BY PETER MAKWANYA
Each country is endowed with natural resources and how a country manages its God-given treasures determines how it handles issues of poverty and prosperity. This contributes to ecological capacity or ecological deficit including how countries manage their carbon emissions leading to global warming.
The world’s main worry at the moment is the unsustainable harvesting of natural resources as if there is no future. Indiscipline in the extractive sector has not only led to the depletion of natural resources including the shrinking of forests but also the exacerbation of greenhouse gas (GHG) emissions which accelerates climate change impacts.
It is estimated that nearly three quarters of the world’s population live in developing countries, where natural resources are in abundance but sadly they are unable to meet citizen demands for food, clean water, health delivery systems, waste absorption, handling and delivery, including housing and settlement expansions among others.
Theirs is a sad and deplorable scenario where despite being home to the world’s marketable natural resources, these countries are always in the red and in ecological deficit.
One wonders if this is a curse, negligence, ignorance or a case of mortgaging of their God-given resources because of a disregard for future generations or all of the above.
In reference to the “global ecological footprints” where natural resources at the countries’ disposal are not commensurate with the benefits they realise against the background of their assumed ecological capacity.
With human beings around the world continuing to consume resources at unsustainable rates thereby resulting in an ecological overshoot, which in turn contributes to numerous earth’s challenges to meet global demands, the world is in an unsafe and precarious state of affairs.
However, this needs to be regulated, through sane and humane pathways away from the usual lust and drooling by the international conglomerates who sacrifice humanity and sustainability for their self-centredness.
Their behaviours have contributed immensely to gross environmental injustices.
In other words, the natural resources that are supposed to be reserved for future generations are being ravaged without an iota of compassion and shame leaving only history for future generations.
This is biocide in the making through biodiversity loss and climate change, among others. In this view, countries that consume less natural resources than their natural resource base can provide bio-capacity potential while those that consume more than what they possess are said to have bio-capacity deficit and they are caught in an ecological poverty trap which leads to inability to eradicate poverty or improve the quality of the people’s lives and the environment.
Therefore, the relationship between nature’s ability to regenerate and the countries’ purchasing power is largely ignored even in reference to the current micro and macro-economic parameters.
Around the world, the depletion of natural resources continues, including underground water reserves, human settlement spaces, forests, minerals, among others.
Very few countries have bio-capacity for the future, mainly because they are not exploiting their own domestic resources but they are looting natural resources of the poor and developing countries while they sell them hot air or promise them incentives and monetary gains, which may never come.

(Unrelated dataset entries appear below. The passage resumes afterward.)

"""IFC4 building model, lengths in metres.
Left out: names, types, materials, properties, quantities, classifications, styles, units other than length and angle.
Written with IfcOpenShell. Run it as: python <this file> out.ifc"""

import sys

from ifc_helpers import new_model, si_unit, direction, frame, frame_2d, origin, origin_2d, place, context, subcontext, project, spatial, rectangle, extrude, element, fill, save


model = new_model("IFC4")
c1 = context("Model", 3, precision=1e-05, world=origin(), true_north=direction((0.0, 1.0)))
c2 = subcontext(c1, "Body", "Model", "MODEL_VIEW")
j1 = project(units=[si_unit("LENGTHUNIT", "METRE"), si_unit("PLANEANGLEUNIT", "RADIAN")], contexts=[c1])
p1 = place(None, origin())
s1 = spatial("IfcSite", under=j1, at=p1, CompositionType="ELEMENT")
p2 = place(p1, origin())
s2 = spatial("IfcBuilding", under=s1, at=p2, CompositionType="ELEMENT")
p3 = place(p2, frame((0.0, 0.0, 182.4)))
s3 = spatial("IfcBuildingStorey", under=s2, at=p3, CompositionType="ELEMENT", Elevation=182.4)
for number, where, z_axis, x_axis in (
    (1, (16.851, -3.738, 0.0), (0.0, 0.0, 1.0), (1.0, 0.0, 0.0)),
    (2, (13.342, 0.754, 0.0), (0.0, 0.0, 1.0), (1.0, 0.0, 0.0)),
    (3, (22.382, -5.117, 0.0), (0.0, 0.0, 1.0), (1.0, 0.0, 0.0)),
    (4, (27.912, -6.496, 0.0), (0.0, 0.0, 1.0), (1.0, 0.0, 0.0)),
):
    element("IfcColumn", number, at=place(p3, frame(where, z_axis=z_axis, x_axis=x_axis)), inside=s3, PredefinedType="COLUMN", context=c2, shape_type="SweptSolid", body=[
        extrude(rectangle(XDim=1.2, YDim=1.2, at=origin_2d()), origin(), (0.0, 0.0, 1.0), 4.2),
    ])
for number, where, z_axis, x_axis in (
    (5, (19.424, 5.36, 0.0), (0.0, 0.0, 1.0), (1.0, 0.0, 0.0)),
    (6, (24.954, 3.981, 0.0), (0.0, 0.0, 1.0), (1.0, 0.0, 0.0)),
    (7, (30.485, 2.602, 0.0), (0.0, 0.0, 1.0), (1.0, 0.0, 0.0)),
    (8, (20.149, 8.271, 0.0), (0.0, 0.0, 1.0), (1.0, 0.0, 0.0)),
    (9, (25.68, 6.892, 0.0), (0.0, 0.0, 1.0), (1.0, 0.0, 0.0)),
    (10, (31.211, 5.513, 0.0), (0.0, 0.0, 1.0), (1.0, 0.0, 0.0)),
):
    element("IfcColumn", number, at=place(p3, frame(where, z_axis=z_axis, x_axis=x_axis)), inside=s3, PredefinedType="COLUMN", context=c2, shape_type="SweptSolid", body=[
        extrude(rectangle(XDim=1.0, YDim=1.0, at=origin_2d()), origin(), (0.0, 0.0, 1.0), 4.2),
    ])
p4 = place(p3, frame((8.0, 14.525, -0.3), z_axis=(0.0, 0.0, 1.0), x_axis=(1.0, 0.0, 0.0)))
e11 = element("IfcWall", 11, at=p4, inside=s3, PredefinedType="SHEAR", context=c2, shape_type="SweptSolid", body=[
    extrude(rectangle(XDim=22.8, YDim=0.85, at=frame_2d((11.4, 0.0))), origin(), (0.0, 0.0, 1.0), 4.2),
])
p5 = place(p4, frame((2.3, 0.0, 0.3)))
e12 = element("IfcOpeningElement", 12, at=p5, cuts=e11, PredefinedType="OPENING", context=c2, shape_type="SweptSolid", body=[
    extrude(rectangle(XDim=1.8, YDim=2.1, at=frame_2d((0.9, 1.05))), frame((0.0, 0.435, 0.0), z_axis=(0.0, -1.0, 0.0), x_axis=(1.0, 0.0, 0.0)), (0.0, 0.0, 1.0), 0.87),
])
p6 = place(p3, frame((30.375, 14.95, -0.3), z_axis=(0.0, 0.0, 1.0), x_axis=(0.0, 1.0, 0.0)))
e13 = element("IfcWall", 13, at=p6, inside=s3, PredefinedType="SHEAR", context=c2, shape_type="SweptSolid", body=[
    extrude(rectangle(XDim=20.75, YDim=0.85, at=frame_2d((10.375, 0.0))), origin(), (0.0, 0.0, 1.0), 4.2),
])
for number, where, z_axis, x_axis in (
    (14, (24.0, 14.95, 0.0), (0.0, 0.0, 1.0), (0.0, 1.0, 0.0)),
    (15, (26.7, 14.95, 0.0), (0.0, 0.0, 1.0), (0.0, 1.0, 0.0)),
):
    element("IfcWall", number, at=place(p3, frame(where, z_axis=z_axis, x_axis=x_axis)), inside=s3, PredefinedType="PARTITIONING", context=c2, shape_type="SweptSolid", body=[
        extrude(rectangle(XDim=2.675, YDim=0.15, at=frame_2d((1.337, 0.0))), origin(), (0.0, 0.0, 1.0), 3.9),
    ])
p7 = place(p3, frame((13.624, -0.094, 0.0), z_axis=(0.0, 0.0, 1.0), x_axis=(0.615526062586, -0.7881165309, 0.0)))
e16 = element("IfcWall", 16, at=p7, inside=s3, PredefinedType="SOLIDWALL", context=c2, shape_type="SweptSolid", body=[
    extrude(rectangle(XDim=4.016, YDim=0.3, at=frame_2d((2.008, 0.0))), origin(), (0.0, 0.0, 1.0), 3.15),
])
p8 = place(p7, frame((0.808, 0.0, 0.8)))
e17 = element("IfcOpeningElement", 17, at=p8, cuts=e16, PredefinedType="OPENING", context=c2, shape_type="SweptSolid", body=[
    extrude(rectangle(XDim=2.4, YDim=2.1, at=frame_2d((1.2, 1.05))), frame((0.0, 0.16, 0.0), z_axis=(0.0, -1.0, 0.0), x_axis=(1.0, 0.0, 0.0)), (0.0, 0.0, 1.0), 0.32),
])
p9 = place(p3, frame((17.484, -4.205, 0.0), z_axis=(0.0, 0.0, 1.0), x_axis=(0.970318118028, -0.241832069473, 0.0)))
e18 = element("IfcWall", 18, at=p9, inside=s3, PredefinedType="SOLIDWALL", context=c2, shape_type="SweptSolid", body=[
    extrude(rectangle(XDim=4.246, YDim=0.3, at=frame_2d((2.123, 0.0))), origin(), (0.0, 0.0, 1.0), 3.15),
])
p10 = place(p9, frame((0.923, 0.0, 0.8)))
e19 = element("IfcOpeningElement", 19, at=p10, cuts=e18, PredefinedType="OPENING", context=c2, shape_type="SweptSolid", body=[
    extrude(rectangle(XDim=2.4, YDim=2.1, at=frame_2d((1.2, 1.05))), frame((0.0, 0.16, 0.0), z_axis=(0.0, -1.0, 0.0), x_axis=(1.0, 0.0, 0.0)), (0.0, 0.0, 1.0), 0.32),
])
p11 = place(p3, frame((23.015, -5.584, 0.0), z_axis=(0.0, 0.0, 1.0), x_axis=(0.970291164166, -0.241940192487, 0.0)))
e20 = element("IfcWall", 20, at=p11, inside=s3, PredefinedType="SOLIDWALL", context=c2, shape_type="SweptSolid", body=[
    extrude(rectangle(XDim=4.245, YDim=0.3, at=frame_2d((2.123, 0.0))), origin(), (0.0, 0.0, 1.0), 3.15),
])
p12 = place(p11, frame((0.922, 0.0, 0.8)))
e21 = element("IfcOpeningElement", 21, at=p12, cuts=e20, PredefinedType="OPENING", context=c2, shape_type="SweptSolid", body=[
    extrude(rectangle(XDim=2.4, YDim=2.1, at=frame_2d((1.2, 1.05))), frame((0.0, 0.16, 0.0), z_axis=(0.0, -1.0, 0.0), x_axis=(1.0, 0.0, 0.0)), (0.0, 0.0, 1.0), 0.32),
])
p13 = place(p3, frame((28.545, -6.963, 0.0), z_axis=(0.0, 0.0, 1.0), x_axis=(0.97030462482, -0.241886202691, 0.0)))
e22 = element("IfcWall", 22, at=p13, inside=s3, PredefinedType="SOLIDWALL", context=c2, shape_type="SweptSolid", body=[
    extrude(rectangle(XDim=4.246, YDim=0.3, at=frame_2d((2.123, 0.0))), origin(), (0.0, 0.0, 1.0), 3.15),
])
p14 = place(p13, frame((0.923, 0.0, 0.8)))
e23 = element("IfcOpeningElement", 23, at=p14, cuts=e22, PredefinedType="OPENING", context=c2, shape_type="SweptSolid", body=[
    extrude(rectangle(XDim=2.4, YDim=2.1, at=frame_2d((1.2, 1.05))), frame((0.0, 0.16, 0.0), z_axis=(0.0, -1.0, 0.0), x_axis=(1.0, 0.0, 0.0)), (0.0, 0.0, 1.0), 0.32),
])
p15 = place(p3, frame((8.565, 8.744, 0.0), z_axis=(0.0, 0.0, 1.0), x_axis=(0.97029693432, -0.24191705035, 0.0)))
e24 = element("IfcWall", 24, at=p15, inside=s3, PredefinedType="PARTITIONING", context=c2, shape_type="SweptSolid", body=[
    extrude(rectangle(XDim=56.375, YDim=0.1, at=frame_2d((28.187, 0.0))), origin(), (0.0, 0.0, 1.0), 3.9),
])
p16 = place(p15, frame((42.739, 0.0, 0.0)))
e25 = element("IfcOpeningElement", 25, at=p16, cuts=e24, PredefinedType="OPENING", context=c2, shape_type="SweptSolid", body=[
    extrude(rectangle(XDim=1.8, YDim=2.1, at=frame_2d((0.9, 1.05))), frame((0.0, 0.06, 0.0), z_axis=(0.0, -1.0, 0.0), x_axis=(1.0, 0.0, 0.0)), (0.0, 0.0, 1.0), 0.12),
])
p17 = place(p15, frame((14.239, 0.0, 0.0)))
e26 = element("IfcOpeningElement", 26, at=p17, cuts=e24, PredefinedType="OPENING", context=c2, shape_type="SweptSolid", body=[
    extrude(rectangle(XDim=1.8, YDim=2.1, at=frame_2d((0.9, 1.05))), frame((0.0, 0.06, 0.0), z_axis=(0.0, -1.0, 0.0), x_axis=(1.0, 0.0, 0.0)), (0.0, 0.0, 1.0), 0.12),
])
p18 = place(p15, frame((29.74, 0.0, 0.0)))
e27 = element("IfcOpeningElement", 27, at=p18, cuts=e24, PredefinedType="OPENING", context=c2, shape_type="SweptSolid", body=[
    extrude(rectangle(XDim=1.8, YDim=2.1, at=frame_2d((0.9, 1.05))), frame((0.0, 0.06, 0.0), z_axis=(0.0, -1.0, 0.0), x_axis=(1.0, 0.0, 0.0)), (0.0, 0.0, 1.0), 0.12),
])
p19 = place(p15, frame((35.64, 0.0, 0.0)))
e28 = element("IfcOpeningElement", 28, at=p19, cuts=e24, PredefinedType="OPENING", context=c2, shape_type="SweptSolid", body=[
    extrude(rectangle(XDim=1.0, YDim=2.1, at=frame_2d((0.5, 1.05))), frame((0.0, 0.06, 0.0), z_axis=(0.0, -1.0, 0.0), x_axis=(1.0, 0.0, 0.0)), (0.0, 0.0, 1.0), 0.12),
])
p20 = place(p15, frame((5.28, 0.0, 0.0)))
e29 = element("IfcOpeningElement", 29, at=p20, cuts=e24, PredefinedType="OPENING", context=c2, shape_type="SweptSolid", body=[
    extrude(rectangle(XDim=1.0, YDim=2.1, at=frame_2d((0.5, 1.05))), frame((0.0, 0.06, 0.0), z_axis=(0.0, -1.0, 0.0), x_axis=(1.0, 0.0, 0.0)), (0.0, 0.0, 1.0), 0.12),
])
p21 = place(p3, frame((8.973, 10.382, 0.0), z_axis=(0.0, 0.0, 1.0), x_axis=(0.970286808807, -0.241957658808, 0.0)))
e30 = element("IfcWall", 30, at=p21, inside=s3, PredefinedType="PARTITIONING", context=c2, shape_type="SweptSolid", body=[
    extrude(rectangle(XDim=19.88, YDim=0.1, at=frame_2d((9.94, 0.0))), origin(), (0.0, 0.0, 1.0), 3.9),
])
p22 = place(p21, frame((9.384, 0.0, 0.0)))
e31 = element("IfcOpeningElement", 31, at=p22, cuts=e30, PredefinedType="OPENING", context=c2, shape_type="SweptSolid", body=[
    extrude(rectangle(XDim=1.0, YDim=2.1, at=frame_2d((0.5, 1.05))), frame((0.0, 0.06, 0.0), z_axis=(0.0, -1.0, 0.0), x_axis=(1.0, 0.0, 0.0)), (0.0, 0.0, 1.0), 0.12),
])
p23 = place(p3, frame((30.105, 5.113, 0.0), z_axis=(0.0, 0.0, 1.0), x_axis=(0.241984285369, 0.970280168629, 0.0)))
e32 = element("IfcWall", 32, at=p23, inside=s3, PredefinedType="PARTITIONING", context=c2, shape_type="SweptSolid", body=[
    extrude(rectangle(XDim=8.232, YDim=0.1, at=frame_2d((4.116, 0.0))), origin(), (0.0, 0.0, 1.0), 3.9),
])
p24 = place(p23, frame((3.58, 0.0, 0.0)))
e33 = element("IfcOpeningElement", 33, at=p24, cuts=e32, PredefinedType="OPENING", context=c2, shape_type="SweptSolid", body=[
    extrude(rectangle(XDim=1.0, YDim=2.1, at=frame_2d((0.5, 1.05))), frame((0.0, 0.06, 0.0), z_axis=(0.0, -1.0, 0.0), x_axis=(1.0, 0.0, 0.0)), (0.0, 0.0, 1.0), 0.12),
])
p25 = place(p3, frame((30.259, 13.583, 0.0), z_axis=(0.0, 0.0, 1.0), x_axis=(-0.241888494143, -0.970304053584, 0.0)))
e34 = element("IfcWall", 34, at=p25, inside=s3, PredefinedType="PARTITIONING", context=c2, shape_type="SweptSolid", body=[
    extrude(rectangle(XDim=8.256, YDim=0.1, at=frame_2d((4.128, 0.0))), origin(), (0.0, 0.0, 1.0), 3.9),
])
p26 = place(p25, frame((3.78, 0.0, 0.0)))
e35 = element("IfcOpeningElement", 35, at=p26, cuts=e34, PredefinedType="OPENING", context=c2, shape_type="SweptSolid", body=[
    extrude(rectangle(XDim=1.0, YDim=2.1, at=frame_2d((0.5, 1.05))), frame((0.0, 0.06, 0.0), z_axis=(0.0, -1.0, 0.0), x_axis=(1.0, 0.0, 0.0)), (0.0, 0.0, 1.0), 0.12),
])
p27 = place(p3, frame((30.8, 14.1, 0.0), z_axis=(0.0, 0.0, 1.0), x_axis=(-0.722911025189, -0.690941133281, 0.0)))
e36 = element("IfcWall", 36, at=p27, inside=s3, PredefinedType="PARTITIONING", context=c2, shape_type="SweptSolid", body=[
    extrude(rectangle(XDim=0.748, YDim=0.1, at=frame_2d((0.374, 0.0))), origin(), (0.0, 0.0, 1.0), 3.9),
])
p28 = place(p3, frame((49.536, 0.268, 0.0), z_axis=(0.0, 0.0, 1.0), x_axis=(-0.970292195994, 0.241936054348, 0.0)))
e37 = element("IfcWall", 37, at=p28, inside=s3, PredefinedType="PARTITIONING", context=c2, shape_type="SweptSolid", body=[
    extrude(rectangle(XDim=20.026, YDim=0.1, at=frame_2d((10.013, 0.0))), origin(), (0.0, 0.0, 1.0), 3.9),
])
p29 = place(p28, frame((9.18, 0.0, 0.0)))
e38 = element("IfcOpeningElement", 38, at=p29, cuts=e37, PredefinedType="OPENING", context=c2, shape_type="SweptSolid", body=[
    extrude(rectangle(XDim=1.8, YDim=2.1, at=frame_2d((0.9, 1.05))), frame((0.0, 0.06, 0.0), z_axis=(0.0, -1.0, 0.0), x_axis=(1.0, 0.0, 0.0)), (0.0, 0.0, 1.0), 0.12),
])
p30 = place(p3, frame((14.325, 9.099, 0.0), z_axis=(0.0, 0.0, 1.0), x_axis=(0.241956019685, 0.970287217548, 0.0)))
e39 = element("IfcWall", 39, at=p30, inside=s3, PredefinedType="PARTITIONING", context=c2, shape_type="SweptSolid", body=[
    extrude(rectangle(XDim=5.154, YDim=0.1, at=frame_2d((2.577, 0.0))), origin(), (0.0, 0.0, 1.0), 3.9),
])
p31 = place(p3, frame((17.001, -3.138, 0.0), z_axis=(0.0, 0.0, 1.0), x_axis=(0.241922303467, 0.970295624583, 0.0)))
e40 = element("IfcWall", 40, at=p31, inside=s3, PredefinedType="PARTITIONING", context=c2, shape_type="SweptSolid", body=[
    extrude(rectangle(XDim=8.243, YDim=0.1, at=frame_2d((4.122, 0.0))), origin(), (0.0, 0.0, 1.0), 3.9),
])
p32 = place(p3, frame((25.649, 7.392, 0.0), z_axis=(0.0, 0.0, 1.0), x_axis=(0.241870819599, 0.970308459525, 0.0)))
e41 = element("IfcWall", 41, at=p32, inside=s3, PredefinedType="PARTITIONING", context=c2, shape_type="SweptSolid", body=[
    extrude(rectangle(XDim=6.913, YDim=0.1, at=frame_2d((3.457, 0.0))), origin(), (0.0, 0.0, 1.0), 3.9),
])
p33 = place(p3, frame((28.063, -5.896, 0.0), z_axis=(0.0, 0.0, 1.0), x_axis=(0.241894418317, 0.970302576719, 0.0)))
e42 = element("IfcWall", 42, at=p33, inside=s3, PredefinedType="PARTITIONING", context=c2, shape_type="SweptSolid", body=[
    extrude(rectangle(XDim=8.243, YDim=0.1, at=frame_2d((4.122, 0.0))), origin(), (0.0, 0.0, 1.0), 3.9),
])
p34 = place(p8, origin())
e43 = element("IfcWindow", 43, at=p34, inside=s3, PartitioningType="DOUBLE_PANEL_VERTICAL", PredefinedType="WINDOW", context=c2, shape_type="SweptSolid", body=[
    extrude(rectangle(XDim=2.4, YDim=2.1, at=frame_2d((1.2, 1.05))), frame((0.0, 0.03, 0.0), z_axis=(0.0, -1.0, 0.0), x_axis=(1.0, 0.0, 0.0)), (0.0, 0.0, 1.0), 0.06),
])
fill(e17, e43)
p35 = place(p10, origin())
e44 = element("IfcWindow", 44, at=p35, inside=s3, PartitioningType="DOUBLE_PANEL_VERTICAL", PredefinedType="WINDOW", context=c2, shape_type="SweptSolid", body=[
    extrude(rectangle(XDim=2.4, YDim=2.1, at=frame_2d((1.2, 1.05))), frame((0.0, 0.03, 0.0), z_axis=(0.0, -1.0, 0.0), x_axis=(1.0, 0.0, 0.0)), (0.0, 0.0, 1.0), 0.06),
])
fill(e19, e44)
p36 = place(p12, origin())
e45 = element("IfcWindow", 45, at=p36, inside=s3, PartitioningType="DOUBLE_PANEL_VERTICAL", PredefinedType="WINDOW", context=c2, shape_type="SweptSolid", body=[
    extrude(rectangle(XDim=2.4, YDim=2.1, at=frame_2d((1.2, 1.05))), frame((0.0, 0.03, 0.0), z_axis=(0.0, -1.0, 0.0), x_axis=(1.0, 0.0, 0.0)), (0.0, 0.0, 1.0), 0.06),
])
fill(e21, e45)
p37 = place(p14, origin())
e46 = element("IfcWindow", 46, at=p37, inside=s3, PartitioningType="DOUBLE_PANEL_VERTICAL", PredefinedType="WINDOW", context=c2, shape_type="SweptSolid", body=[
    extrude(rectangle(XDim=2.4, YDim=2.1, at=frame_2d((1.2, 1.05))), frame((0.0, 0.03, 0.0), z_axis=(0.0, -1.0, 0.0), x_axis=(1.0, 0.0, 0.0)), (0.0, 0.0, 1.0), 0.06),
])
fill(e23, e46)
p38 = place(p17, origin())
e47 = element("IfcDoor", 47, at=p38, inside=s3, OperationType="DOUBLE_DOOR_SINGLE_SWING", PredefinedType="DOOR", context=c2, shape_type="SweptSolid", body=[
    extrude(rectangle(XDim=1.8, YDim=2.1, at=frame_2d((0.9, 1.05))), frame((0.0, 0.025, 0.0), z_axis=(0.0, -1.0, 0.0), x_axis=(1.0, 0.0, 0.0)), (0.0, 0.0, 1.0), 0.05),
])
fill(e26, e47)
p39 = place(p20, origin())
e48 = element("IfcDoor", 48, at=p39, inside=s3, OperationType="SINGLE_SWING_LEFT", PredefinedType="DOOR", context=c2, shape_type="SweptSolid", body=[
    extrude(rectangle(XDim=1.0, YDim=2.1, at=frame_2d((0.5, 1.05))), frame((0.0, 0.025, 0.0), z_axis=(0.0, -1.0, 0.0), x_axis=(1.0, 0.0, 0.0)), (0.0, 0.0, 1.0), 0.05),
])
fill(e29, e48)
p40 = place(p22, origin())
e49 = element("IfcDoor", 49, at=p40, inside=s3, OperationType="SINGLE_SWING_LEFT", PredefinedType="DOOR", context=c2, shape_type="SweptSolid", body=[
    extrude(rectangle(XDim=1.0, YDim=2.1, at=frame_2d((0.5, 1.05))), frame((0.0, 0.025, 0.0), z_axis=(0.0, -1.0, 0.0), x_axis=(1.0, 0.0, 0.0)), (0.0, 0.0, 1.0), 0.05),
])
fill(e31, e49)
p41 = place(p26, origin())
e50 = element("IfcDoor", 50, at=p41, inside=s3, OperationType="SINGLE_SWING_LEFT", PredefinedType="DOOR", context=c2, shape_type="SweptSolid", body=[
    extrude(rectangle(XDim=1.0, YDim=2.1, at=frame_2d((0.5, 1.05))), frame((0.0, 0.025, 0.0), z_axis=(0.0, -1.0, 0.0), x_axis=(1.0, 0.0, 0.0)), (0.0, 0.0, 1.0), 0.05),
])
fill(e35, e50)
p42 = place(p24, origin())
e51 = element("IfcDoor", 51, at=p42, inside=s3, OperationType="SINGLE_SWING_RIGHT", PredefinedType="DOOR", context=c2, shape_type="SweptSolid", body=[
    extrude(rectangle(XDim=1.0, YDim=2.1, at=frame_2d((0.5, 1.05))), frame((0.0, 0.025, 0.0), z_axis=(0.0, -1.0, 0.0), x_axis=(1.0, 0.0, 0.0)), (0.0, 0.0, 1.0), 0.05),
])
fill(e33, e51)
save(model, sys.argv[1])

Available research unearthed that these countries have a bio-capacity representing only 2% of the world’s population.
There are natural resources that the earth’s ecosystems are able to regenerate like forests, grasslands, vegetation and water but if minerals are exploited, it is impossible for countries to regenerate them, hence this leaves them exposed and vulnerable.
Furthermore, countries with bio-capacity have the purchasing power to buy whatever they want or what nature can produce or even the power to destabilise, cause confusion or chaos in poor countries while they loot and grab natural resources.
The uncontrolled carbon emissions which result from these injustices are not their problem.
This facilitates the over-dependence on fossil fuels which exacerbates climate change and biodiversity loss.
Therefore, these are the unforeseen challenges not in the public domain but will still leave the poor and developing countries in the red and lacking capacity to absorb climate change shocks.